Ich habe jetzt "fsck /dev/sda3" gestartet und bei den betroffenen Blöcken gesagt er soll die Fehler ignorieren und sie beschreibbar machen (hoffentlich war das nicht falsch). Jedenfalls hat er danach weiter gemacht mit dem checken.

Jetzt passiert garnichts mehr. Es sieht aus als wäre er mitten im Check stehen geblieben. Es kommt keine Eingabeaufforderung. Ich hoffe, das war nicht schlimm... 

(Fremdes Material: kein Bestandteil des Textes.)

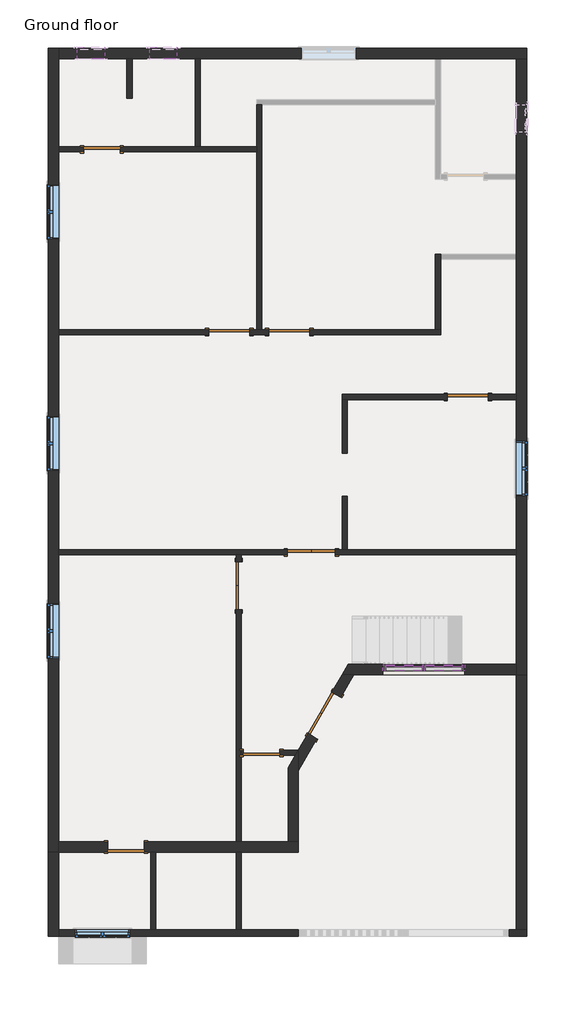
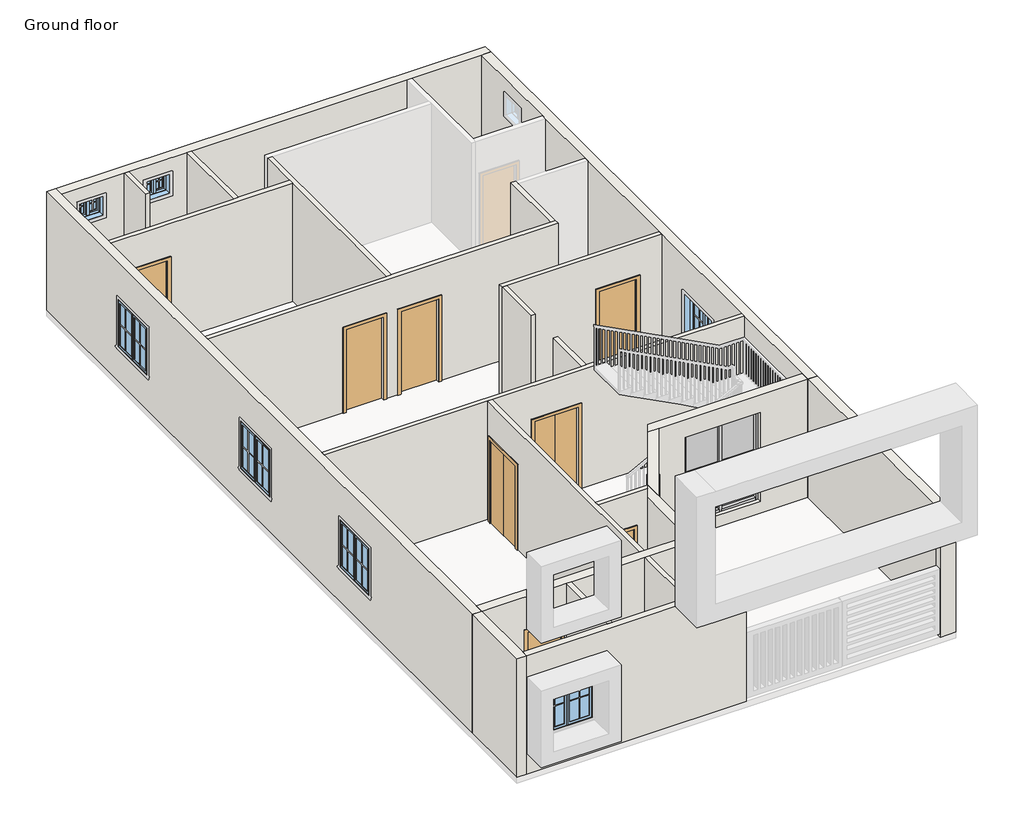
# One storey, part 1 of 3: 25 walls, 12 members, 9 doors, 7 windows, 4 plates.
"""IFC4 building model written with IfcOpenShell, lengths in millimetres."""

from ifc_helpers import new_model, si_unit, origin, origin_with_axes, place, context, project, spatial, polyline, outline, extrude, faceted_brep, transform, mapped, element, save
from components import door_d52489d9, door_d57fbbae, door_38851409, door_7b345704, single_flush_3_x7_e5f9f3c4, single_flush_3_x7_305aa2a5, member_c17f1be2, member_ad567e07, member_2b49869a, member_a715cb85, member_75074519, member_c4de40ee, system_panel_glazed_f4fd55f0, system_panel_glazed_231200ce, window_79894727, window_casement_double_4_x4_af3140d2, window_casement_double_4_x4_191d0cfb

model = new_model("IFC4")

# Units and contexts
model_context = context("Model", 3, world=origin())
ifc_project = project(units=[si_unit("LENGTHUNIT", "METRE", prefix="MILLI")], contexts=[model_context])

# Site, building, storey
site = spatial("IfcSite", under=ifc_project)
building = spatial("IfcBuilding", under=site)
storey = spatial("IfcBuildingStorey", under=building, Name="Ground floor", Elevation=0.0)

# Doors
placement = place(None, origin())
door_shape = door_d52489d9(model_context)
element("IfcDoor", 1, ObjectType="Door-Double-Flush_Panel : 3'6\"X7'", at=placement, inside=storey, context=model_context, shape_type="MappedRepresentation", body=[
    mapped(door_shape, transform((388.5194418, -4721.06525, 0.0), x_axis=(0.5010362705417002, 0.8654262854811288, 0.0), y_axis=(-0.8654262854811288, 0.5010362705417002, 0.0), z_axis=(0.0, 0.0, 1.0))),
])
door_2_shape = door_d57fbbae(model_context)
element("IfcDoor", 2, ObjectType="Door-Double-Flush_Panel : 3'6\"X7'", at=placement, inside=storey, context=model_context, shape_type="MappedRepresentation", body=[
    mapped(door_2_shape, transform((96.8585096, -1088.0023906, 0.0), x_axis=(1.0, 0.0, 0.0), y_axis=(0.0, 1.0, 0.0), z_axis=(0.0, 0.0, 1.0))),
])
element("IfcDoor", 3, ObjectType="Door-Double-Flush_Panel : 3'6\"X7'", at=placement, inside=storey, context=model_context, shape_type="MappedRepresentation", body=[
    mapped(door_2_shape, transform((-1522.3914904, -1830.9523906, 0.0), x_axis=(0.0, 1.0, 0.0), y_axis=(-1.0, 0.0, 0.0), z_axis=(0.0, 0.0, 1.0))),
])
door_3_shape = door_38851409(model_context)
element("IfcDoor", 4, ObjectType="Single-Flush : 2'8\"X7'", at=placement, inside=storey, context=model_context, shape_type="MappedRepresentation", body=[
    mapped(door_3_shape, transform((-1014.3914904, -5558.4023906, 0.0), x_axis=(1.0, 0.0, 0.0), y_axis=(0.0, 1.0, 0.0), z_axis=(0.0, 0.0, 1.0))),
])
element("IfcDoor", 5, ObjectType="Single-Flush : 2'8\"X7'", at=placement, inside=storey, context=model_context, shape_type="MappedRepresentation", body=[
    mapped(door_3_shape, transform((-4576.7414904, 7903.5976094, 0.0), x_axis=(-1.0, 0.0, 0.0), y_axis=(0.0, -1.0, 0.0), z_axis=(0.0, 0.0, 1.0))),
])
door_4_shape = door_7b345704(model_context)
element("IfcDoor", 6, ObjectType="Single-Flush : 2'8\"X7'", at=placement, inside=storey, context=model_context, shape_type="MappedRepresentation", body=[
    mapped(door_4_shape, transform((-4036.9914904, -7660.2523906, 0.0), x_axis=(1.0, 0.0, 0.0), y_axis=(0.0, 1.0, 0.0), z_axis=(0.0, 0.0, 1.0))),
])
single_flush_3_x7_shape = single_flush_3_x7_e5f9f3c4(model_context)
element("IfcDoor", 7, ObjectType="Single-Flush : 3'X7'", at=placement, inside=storey, context=model_context, shape_type="MappedRepresentation", body=[
    mapped(single_flush_3_x7_shape, transform((-1731.9414904, 3826.8976094, 0.0), x_axis=(1.0, 0.0, 0.0), y_axis=(0.0, 1.0, 0.0), z_axis=(0.0, 0.0, 1.0))),
])
single_flush_3_x7_2_shape = single_flush_3_x7_305aa2a5(model_context)
element("IfcDoor", 8, ObjectType="Single-Flush : 3'X7'", at=placement, inside=storey, context=model_context, shape_type="MappedRepresentation", body=[
    mapped(single_flush_3_x7_2_shape, transform((-398.4414904, 3826.8976094, 0.0), x_axis=(-1.0, 0.0, 0.0), y_axis=(0.0, -1.0, 0.0), z_axis=(0.0, 0.0, 1.0))),
])
element("IfcDoor", 9, ObjectType="Single-Flush : 3'X7'", at=placement, inside=storey, context=model_context, shape_type="MappedRepresentation", body=[
    mapped(single_flush_3_x7_2_shape, transform((3589.3585096, 2379.0976094, 0.0), x_axis=(-1.0, 0.0, 0.0), y_axis=(0.0, -1.0, 0.0), z_axis=(0.0, 0.0, 1.0))),
])

# Members
member_shape = member_c17f1be2(model_context)
element("IfcMember", 10, ObjectType="Rectangular Mullion : 2.5\" x 5\" rectangular", at=placement, inside=storey, context=model_context, shape_type="MappedRepresentation", body=[
    mapped(member_shape, transform((3456.0085096, -3659.7523906, 2590.8), x_axis=(0.0, 0.0, 1.0), y_axis=(0.0, -1.0, 0.0), z_axis=(1.0, 0.0, 0.0))),
])
element("IfcMember", 11, ObjectType="Rectangular Mullion : 2.5\" x 5\" rectangular", at=placement, inside=storey, context=model_context, shape_type="MappedRepresentation", body=[
    mapped(member_shape, transform((2573.3585096, -3659.7523906, 2590.8), x_axis=(0.0, 0.0, 1.0), y_axis=(0.0, -1.0, 0.0), z_axis=(1.0, 0.0, 0.0))),
])
element("IfcMember", 12, ObjectType="Rectangular Mullion : 2.5\" x 5\" rectangular", at=placement, inside=storey, context=model_context, shape_type="MappedRepresentation", body=[
    mapped(member_shape, transform((1754.2085096, -3659.7523906, 304.8), x_axis=(0.0, 0.0, -1.0), y_axis=(0.0, -1.0, 0.0), z_axis=(-1.0, 0.0, 0.0))),
])
element("IfcMember", 13, ObjectType="Rectangular Mullion : 2.5\" x 5\" rectangular", at=placement, inside=storey, context=model_context, shape_type="MappedRepresentation", body=[
    mapped(member_shape, transform((2636.8585096, -3659.7523906, 304.8), x_axis=(0.0, 0.0, -1.0), y_axis=(0.0, -1.0, 0.0), z_axis=(-1.0, 0.0, 0.0))),
])
member_2_shape = member_ad567e07(model_context)
element("IfcMember", 14, ObjectType="Rectangular Mullion : 2.5\" x 5\" rectangular", at=placement, inside=storey, context=model_context, shape_type="MappedRepresentation", body=[
    mapped(member_2_shape, transform((2573.3585096, -3659.7523906, 1524.0), x_axis=(0.0, 0.0, 1.0), y_axis=(0.0, -1.0, 0.0), z_axis=(1.0, 0.0, 0.0))),
])
element("IfcMember", 15, ObjectType="Rectangular Mullion : 2.5\" x 5\" rectangular", at=placement, inside=storey, context=model_context, shape_type="MappedRepresentation", body=[
    mapped(member_2_shape, transform((3456.0085096, -3659.7523906, 1524.0), x_axis=(0.0, 0.0, 1.0), y_axis=(0.0, -1.0, 0.0), z_axis=(1.0, 0.0, 0.0))),
])
member_3_shape = member_2b49869a(model_context)
element("IfcMember", 16, ObjectType="Rectangular Mullion : 2.5\" x 5\" rectangular", at=placement, inside=storey, context=model_context, shape_type="MappedRepresentation", body=[
    mapped(member_3_shape, transform((2605.1085096, -3659.7523906, 304.8), x_axis=(1.0, 0.0, 0.0), y_axis=(0.0, -1.0, 0.0), z_axis=(0.0, 0.0, -1.0))),
])
member_4_shape = member_a715cb85(model_context)
element("IfcMember", 17, ObjectType="Rectangular Mullion : 2.5\" x 5\" rectangular", at=placement, inside=storey, context=model_context, shape_type="MappedRepresentation", body=[
    mapped(member_4_shape, transform((2605.1085096, -3659.7523906, 1524.0), x_axis=(1.0, 0.0, 0.0), y_axis=(0.0, -1.0, 0.0), z_axis=(0.0, 0.0, -1.0))),
])
member_5_shape = member_75074519(model_context)
element("IfcMember", 18, ObjectType="Rectangular Mullion : 2.5\" x 5\" rectangular", at=placement, inside=storey, context=model_context, shape_type="MappedRepresentation", body=[
    mapped(member_5_shape, transform((3519.5085096, -3659.7523906, 304.8), x_axis=(1.0, 0.0, 0.0), y_axis=(0.0, -1.0, 0.0), z_axis=(0.0, 0.0, -1.0))),
])
member_6_shape = member_c4de40ee(model_context)
element("IfcMember", 19, ObjectType="Rectangular Mullion : 2.5\" x 5\" rectangular", at=placement, inside=storey, context=model_context, shape_type="MappedRepresentation", body=[
    mapped(member_6_shape, transform((1690.7085096, -3659.7523906, 2590.8), x_axis=(-1.0, 0.0, 0.0), y_axis=(0.0, -1.0, 0.0), z_axis=(0.0, 0.0, 1.0))),
])
element("IfcMember", 20, ObjectType="Rectangular Mullion : 2.5\" x 5\" rectangular", at=placement, inside=storey, context=model_context, shape_type="MappedRepresentation", body=[
    mapped(member_6_shape, transform((3519.5085096, -3659.7523906, 1524.0), x_axis=(1.0, 0.0, 0.0), y_axis=(0.0, -1.0, 0.0), z_axis=(0.0, 0.0, -1.0))),
])
element("IfcMember", 21, ObjectType="Rectangular Mullion : 2.5\" x 5\" rectangular", at=placement, inside=storey, context=model_context, shape_type="MappedRepresentation", body=[
    mapped(member_5_shape, transform((1690.7085096, -3659.7523906, 1524.0), x_axis=(-1.0, 0.0, 0.0), y_axis=(0.0, -1.0, 0.0), z_axis=(0.0, 0.0, 1.0))),
])

# Plates
system_panel_glazed_shape = system_panel_glazed_f4fd55f0(model_context)
element("IfcPlate", 22, ObjectType="System Panel : Glazed", at=placement, inside=storey, context=model_context, shape_type="MappedRepresentation", body=[
    mapped(system_panel_glazed_shape, transform((2163.7835096, -3659.7523906, 1555.75), x_axis=(1.0, 0.0, 0.0), y_axis=(0.0, 1.0, 0.0), z_axis=(0.0, 0.0, 1.0))),
])
element("IfcPlate", 23, ObjectType="System Panel : Glazed", at=placement, inside=storey, context=model_context, shape_type="MappedRepresentation", body=[
    mapped(system_panel_glazed_shape, transform((3046.4335096, -3659.7523906, 1555.75), x_axis=(1.0, 0.0, 0.0), y_axis=(0.0, 1.0, 0.0), z_axis=(0.0, 0.0, 1.0))),
])
system_panel_glazed_2_shape = system_panel_glazed_231200ce(model_context)
element("IfcPlate", 24, ObjectType="System Panel : Glazed", at=placement, inside=storey, context=model_context, shape_type="MappedRepresentation", body=[
    mapped(system_panel_glazed_2_shape, transform((2163.7835096, -3659.7523906, 368.3), x_axis=(1.0, 0.0, 0.0), y_axis=(0.0, 1.0, 0.0), z_axis=(0.0, 0.0, 1.0))),
])
element("IfcPlate", 25, ObjectType="System Panel : Glazed", at=placement, inside=storey, context=model_context, shape_type="MappedRepresentation", body=[
    mapped(system_panel_glazed_2_shape, transform((3046.4335096, -3659.7523906, 368.3), x_axis=(1.0, 0.0, 0.0), y_axis=(0.0, 1.0, 0.0), z_axis=(0.0, 0.0, 1.0))),
])

# Walls
element("IfcWall", 26, ObjectType="4.5\"", at=placement, inside=storey, context=model_context, shape_type="Brep", body=[
    faceted_brep([(-5543.5289904, 7846.4476094, 0.0), (-4983.1414904, 7846.4476094, 0.0), (-4983.1414904, 7846.4476094, 2133.6), (-4170.3414904, 7846.4476094, 2133.6), (-4170.3414904, 7846.4476094, 0.0), (-1122.3414904, 7846.4476094, 0.0), (-1122.3414904, 7846.4476094, 3048.0), (-5543.5289904, 7846.4476094, 3048.0), (-4983.1414904, 7960.7476094, 2133.6), (-4983.1414904, 7960.7476094, 0.0), (-5543.5289904, 7960.7476094, 0.0), (-5543.5289904, 7960.7476094, 3048.0), (-2493.9414904, 7960.7476094, 3048.0), (-2379.6414904, 7960.7476094, 3048.0), (-1122.3414904, 7960.7476094, 3048.0), (-1122.3414904, 7960.7476094, 0.0), (-2379.6414904, 7960.7476094, 0.0), (-2493.9414904, 7960.7476094, 0.0), (-4170.3414904, 7960.7476094, 0.0), (-4170.3414904, 7960.7476094, 2133.6)], [[[0, 1, 2, 3, 4, 5, 6, 7]], [[8, 9, 10, 11, 12, 13, 14, 15, 16, 17, 18, 19]], [[10, 9, 1, 0]], [[18, 17, 16, 15, 5, 4]], [[7, 6, 14, 13, 12, 11]], [[0, 7, 11, 10]], [[6, 5, 15, 14]], [[2, 1, 9, 8]], [[3, 2, 8, 19]], [[4, 3, 19, 18]]]),
])
element("IfcWall", 27, ObjectType="4.5\"", at=placement, inside=storey, context=model_context, shape_type="SweptSolid", body=[
    extrude(outline(polyline([(-2493.9414904, 7960.7476094), (-2493.9414904, 9929.2476094), (-2379.6414904, 9929.2476094), (-2379.6414904, 7960.7476094), (-2493.9414904, 7960.7476094)])), origin_with_axes(), (0.0, 0.0, 1.0), 3048.0),
])
element("IfcWall", 28, ObjectType="4.5\"", at=placement, inside=storey, context=model_context, shape_type="SweptSolid", body=[
    extrude(outline(polyline([(-4017.9414904, 9045.2567445), (-4017.9414904, 9929.2476094), (-3903.6414904, 9929.2476094), (-3903.6414904, 9045.2567445), (-4017.9414904, 9045.2567445)])), origin_with_axes(), (0.0, 0.0, 1.0), 3048.0),
])
element("IfcWall", 29, ObjectType="4.5\"", at=placement, inside=storey, context=model_context, shape_type="Brep", body=[
    faceted_brep([(-1274.7414904, 3769.7476094, 0.0), (-855.6414904, 3769.7476094, 0.0), (-855.6414904, 3769.7476094, 2133.6), (58.7585096, 3769.7476094, 2133.6), (58.7585096, 3769.7476094, 0.0), (2979.7585096, 3769.7476094, 0.0), (2979.7585096, 3769.7476094, 3048.0), (-5543.5289904, 3769.7476094, 3048.0), (-5543.5289904, 3769.7476094, 0.0), (-2189.1414904, 3769.7476094, 0.0), (-2189.1414904, 3769.7476094, 2133.6), (-1274.7414904, 3769.7476094, 2133.6), (-855.6414904, 3884.0476094, 2133.6), (-855.6414904, 3884.0476094, 0.0), (-1008.0414904, 3884.0476094, 0.0), (-1122.3414904, 3884.0476094, 0.0), (-1274.7414904, 3884.0476094, 0.0), (-1274.7414904, 3884.0476094, 2133.6), (-2189.1414904, 3884.0476094, 2133.6), (-2189.1414904, 3884.0476094, 0.0), (-5543.5289904, 3884.0476094, 0.0), (-5543.5289904, 3884.0476094, 3048.0), (-1122.3414904, 3884.0476094, 3048.0), (-1008.0414904, 3884.0476094, 3048.0), (2865.4585096, 3884.0476094, 3048.0), (2979.7585096, 3884.0476094, 3048.0), (2979.7585096, 3884.0476094, 0.0), (2865.4585096, 3884.0476094, 0.0), (58.7585096, 3884.0476094, 0.0), (58.7585096, 3884.0476094, 2133.6)], [[[0, 1, 2, 3, 4, 5, 6, 7, 8, 9, 10, 11]], [[12, 13, 14, 15, 16, 17, 18, 19, 20, 21, 22, 23, 24, 25, 26, 27, 28, 29]], [[9, 8, 20, 19]], [[28, 27, 26, 5, 4]], [[16, 15, 14, 13, 1, 0]], [[7, 6, 25, 24, 23, 22, 21]], [[8, 7, 21, 20]], [[6, 5, 26, 25]], [[17, 16, 0, 11]], [[18, 17, 11, 10]], [[19, 18, 10, 9]], [[2, 1, 13, 12]], [[3, 2, 12, 29]], [[4, 3, 29, 28]]]),
])
element("IfcWall", 30, ObjectType="4.5\"", at=placement, inside=storey, context=model_context, shape_type="Brep", body=[
    faceted_brep([(2979.7585096, 3884.0476094, 0.0), (2979.7585096, 5446.1476094, 0.0), (2979.7585096, 5560.4476094, 0.0), (2979.7585096, 5560.4476094, 3048.0), (2979.7585096, 5446.1476094, 3048.0), (2979.7585096, 3884.0476094, 3048.0), (2865.4585096, 3884.0476094, 0.0), (2865.4585096, 3884.0476094, 3048.0), (2865.4585096, 5560.4476094, 3048.0), (2865.4585096, 5560.4476094, 0.0)], [[[0, 1, 2, 3, 4, 5]], [[6, 7, 8, 9]], [[2, 1, 0, 6, 9]], [[5, 4, 3, 8, 7]], [[0, 5, 7, 6]], [[3, 2, 9, 8]]]),
])
element("IfcWall", 31, ObjectType="4.5\"", at=placement, inside=storey, context=model_context, shape_type="Brep", body=[
    faceted_brep([(3132.1585096, 2436.2476094, 2133.6), (3132.1585096, 2436.2476094, 0.0), (782.6585096, 2436.2476094, 0.0), (782.6585096, 2436.2476094, 3048.0), (4668.8585096, 2436.2476094, 3048.0), (4668.8585096, 2436.2476094, 0.0), (4046.5585096, 2436.2476094, 0.0), (4046.5585096, 2436.2476094, 2133.6), (782.6585096, 2321.9476094, 0.0), (896.9585096, 2321.9476094, 0.0), (3132.1585096, 2321.9476094, 0.0), (3132.1585096, 2321.9476094, 2133.6), (4046.5585096, 2321.9476094, 2133.6), (4046.5585096, 2321.9476094, 0.0), (4668.8585096, 2321.9476094, 0.0), (4668.8585096, 2321.9476094, 3048.0), (896.9585096, 2321.9476094, 3048.0), (782.6585096, 2321.9476094, 3048.0)], [[[0, 1, 2, 3, 4, 5, 6, 7]], [[8, 9, 10, 11, 12, 13, 14, 15, 16, 17]], [[6, 5, 14, 13]], [[2, 1, 10, 9, 8]], [[4, 3, 17, 16, 15]], [[5, 4, 15, 14]], [[3, 2, 8, 17]], [[11, 10, 1, 0]], [[12, 11, 0, 7]], [[13, 12, 7, 6]]]),
])
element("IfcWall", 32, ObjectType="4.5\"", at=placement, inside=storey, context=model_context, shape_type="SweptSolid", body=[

EDIT: Ich hab den Check abgebrochen und lasse ihn jetzt nicht mehr die Fehler ignorieren...

EDIT2: Wenn ich die Fehler nicht mehr ignorieren lasse, dann bricht fsck den Vorgang komplett ab.


----------



## NM78 (10. Juli 2008)

Mit fsck lies sich die Platte leider nicht mehr reparieren, zuviele Fehler...

Ich habe sie dann in einen Vista Rechner eingebaut und die wichtigeren Daten (zum Glück noch ok) mit Hilfe des Programms driver-fs (Linux Platten in Windows einbinden und lesen) kopiert:

http://www.fs-driver.org/index.html

Das Thema kann geschlossen werden. Vielen Dank für Eure Hinweise!


----------



## Dennis Wronka (10. Juli 2008)

NM78 hat gesagt.:


> Jetzt passiert garnichts mehr. Es sieht aus als wäre er mitten im Check stehen geblieben. Es kommt keine Eingabeaufforderung. Ich hoffe, das war nicht schlimm...


So ein Check kann eine ganze Weile dauern, das haengt in erster Linie von der Groesse der Platte und ihrer Geschwindigkeit ab.



NM78 hat gesagt.:


> EDIT: Ich hab den Check abgebrochen und lasse ihn jetzt nicht mehr die Fehler ignorieren...


Das war, meiner Meinung nach, keine so gute Idee. Wie gesagt, so ein Check kann was dauern.



			
				NM78 hat gesagt.:
			
		

> Das Thema kann geschlossen werden. Vielen Dank für Eure Hinweise!


Sowas machen wir hier nicht. Du kannst das Thema aber unten als erledigt markieren.


----------